## Line Charts: Performance of Language Models
### Overview
The image presents two line charts comparing the performance (Accuracy in %) of different language models against varying "Pass budget" (in thousands, K) on a logarithmic scale for the first chart. The first chart focuses on "Goedel-SFT" and "Goedel-SFT + Apollo", while the second chart focuses on "Kimina-Prover-Preview-Distill-7B" and "Kimina-Prover-Preview-Distill-7B + Apollo".
### Components/Axes
**Chart 1: Performance of Goedel-SFT**
* **X-axis:** Pass budget (K) - log scale.
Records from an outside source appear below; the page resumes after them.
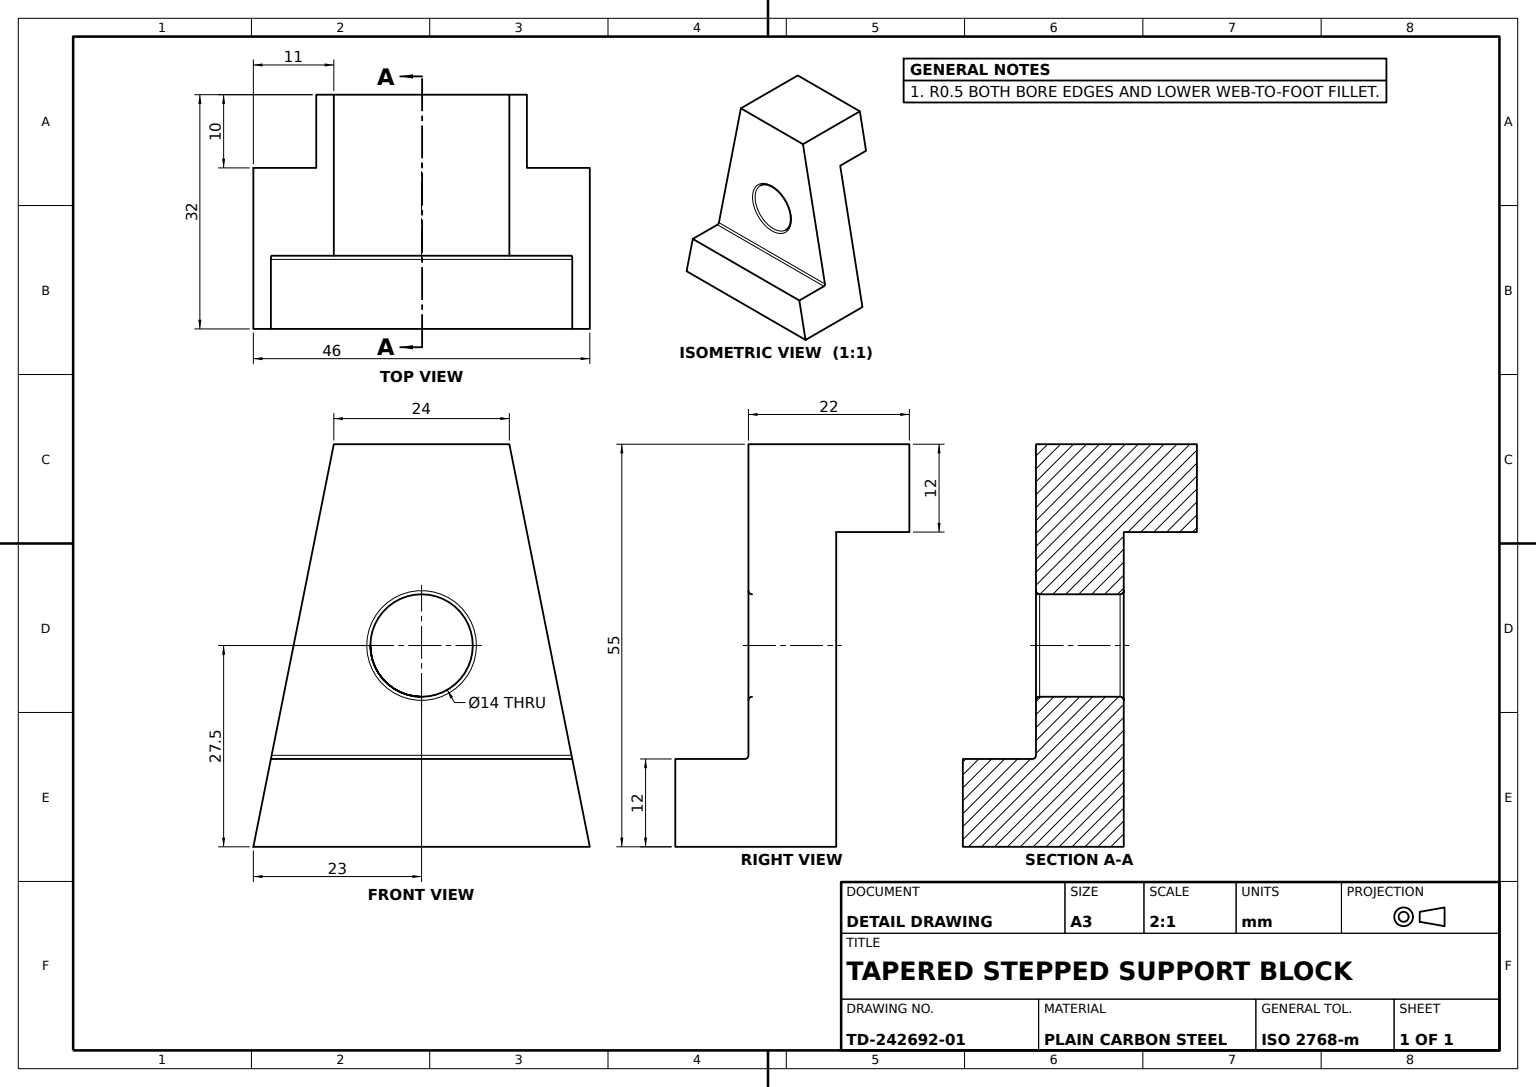
from build123d import *

# Parameters (mm, degrees)
BRACKET_BODY_DEPTH        = 46
TAPERED_SIDE_CUT_DEPTH    = 46
BORE_SKETCH_R             = 7
THROUGH_BORE_14_DEPTH     = 46
BORE_EDGE_FILLET_R0_5_A_R = 0.5
BORE_EDGE_FILLET_R0_5_B_R = 0.5
STEP_EDGE_FILLET_R0_5_R   = 0.5


with BuildPart() as part:
    # Bracket Profile Sketch → Bracket Body (new body)
    with BuildSketch(Plane.XY):
        Polygon((0, 0), (22, 0), (22, 12), (12, 12), (12, 55), (-10, 55), (-10, 43), (0, 43), align=None)
    extrude(amount=BRACKET_BODY_DEPTH)

    # Taper Cut Sketch → Tapered Side Cut (cut)
    with BuildSketch(Plane(origin=(22, 0, 0), x_dir=(0, 0, -1), z_dir=(1, 0, 0))):
        Polygon((-46, 0), (-35, 55), (-46, 55), align=None)
        Polygon((0, 0), (0, 55), (-11, 55), align=None)
    extrude(amount=-TAPERED_SIDE_CUT_DEPTH, mode=Mode.SUBTRACT)

    # Bore Sketch → Through Bore Ø14 (cut)
    with BuildSketch(Plane.ZY):
        with Locations(Location((23, 27.5, 0), (0, 0, 270))):
            Circle(BORE_SKETCH_R)
    extrude(amount=-THROUGH_BORE_14_DEPTH, mode=Mode.SUBTRACT)

    # Bore Edge Fillet R0.5 A
    bore_edge_fillet_r0_5_a_edges = [part.edges().sort_by_distance(p)[0] for p in [
        (12, 34.5, 23),
    ]]
    fillet(bore_edge_fillet_r0_5_a_edges, radius=BORE_EDGE_FILLET_R0_5_A_R)

    # Bore Edge Fillet R0.5 B
    bore_edge_fillet_r0_5_b_edges = [part.edges().sort_by_distance(p)[0] for p in [
        (0, 34.5, 23),
    ]]
    fillet(bore_edge_fillet_r0_5_b_edges, radius=BORE_EDGE_FILLET_R0_5_B_R)

    # Step Edge Fillet R0.5
    step_edge_fillet_r0_5_edges = [part.edges().sort_by_distance(p)[0] for p in [
        (12, 12, 23),
    ]]
    fillet(step_edge_fillet_r0_5_edges, radius=STEP_EDGE_FILLET_R0_5_R)


solid = part.part

Markers at 32, 80, 150, 306, 1.0k, 25.6k.
* **Y-axis:** Accuracy (%) - Scale from approximately 58% to 65%.
* **Legend:**
* Blue Line: Goedel-Prover-SFT
* Orange Line: Goedel-Prover-SFT + Apollo
**Chart 2: Performance of Kimina-Prover-Preview-Distill-7B**
* **X-axis:** Pass budget (K) - Scale from 0 to 1000. Markers at 0, 200, 400, 600, 800, 1000.
* **Y-axis:** Accuracy (%) - Scale from approximately 64% to 75%.
* **Legend:**
* Red Line: Kimina-Prover-Preview-Distill-7B
* Green Line: Kimina-Prover-Preview-Distill-7B + Apollo
### Detailed Analysis or Content Details
**Chart 1: Goedel-SFT Performance**
* **Goedel-Prover-SFT (Blue Line):** The line slopes upward, indicating increasing accuracy with increasing pass budget.
* At 32K: Approximately 58.5% accuracy.
* At 80K: Approximately 60.2% accuracy.
* At 150K: Approximately 61.8% accuracy.
* At 306K: Approximately 62.5% accuracy.
* At 1.0K: Approximately 62.7% accuracy.
* At 25.6K: Approximately 64.5% accuracy.
* **Goedel-Prover-SFT + Apollo (Orange Line):** The line initially rises sharply, then plateaus.
* At 32K: Approximately 63.5% accuracy.
* At 80K: Approximately 64.2% accuracy.
* At 150K: Approximately 65.0% accuracy.
* At 306K: Approximately 65.2% accuracy.
* At 1.0K: Approximately 65.1% accuracy.
* At 25.6K: Approximately 65.0% accuracy.
**Chart 2: Kimina-Prover-Preview-Distill-7B Performance**
* **Kimina-Prover-Preview-Distill-7B (Red Line):** The line slopes upward, but at a decreasing rate.
* At 0K: Approximately 64.2% accuracy.
* At 200K: Approximately 68.5% accuracy.
* At 400K: Approximately 69.5% accuracy.
* At 600K: Approximately 69.8% accuracy.
* At 800K: Approximately 70.0% accuracy.
* At 1000K: Approximately 70.2% accuracy.
* **Kimina-Prover-Preview-Distill-7B + Apollo (Green Line):** The line rises sharply initially, then plateaus at a higher accuracy than the base model.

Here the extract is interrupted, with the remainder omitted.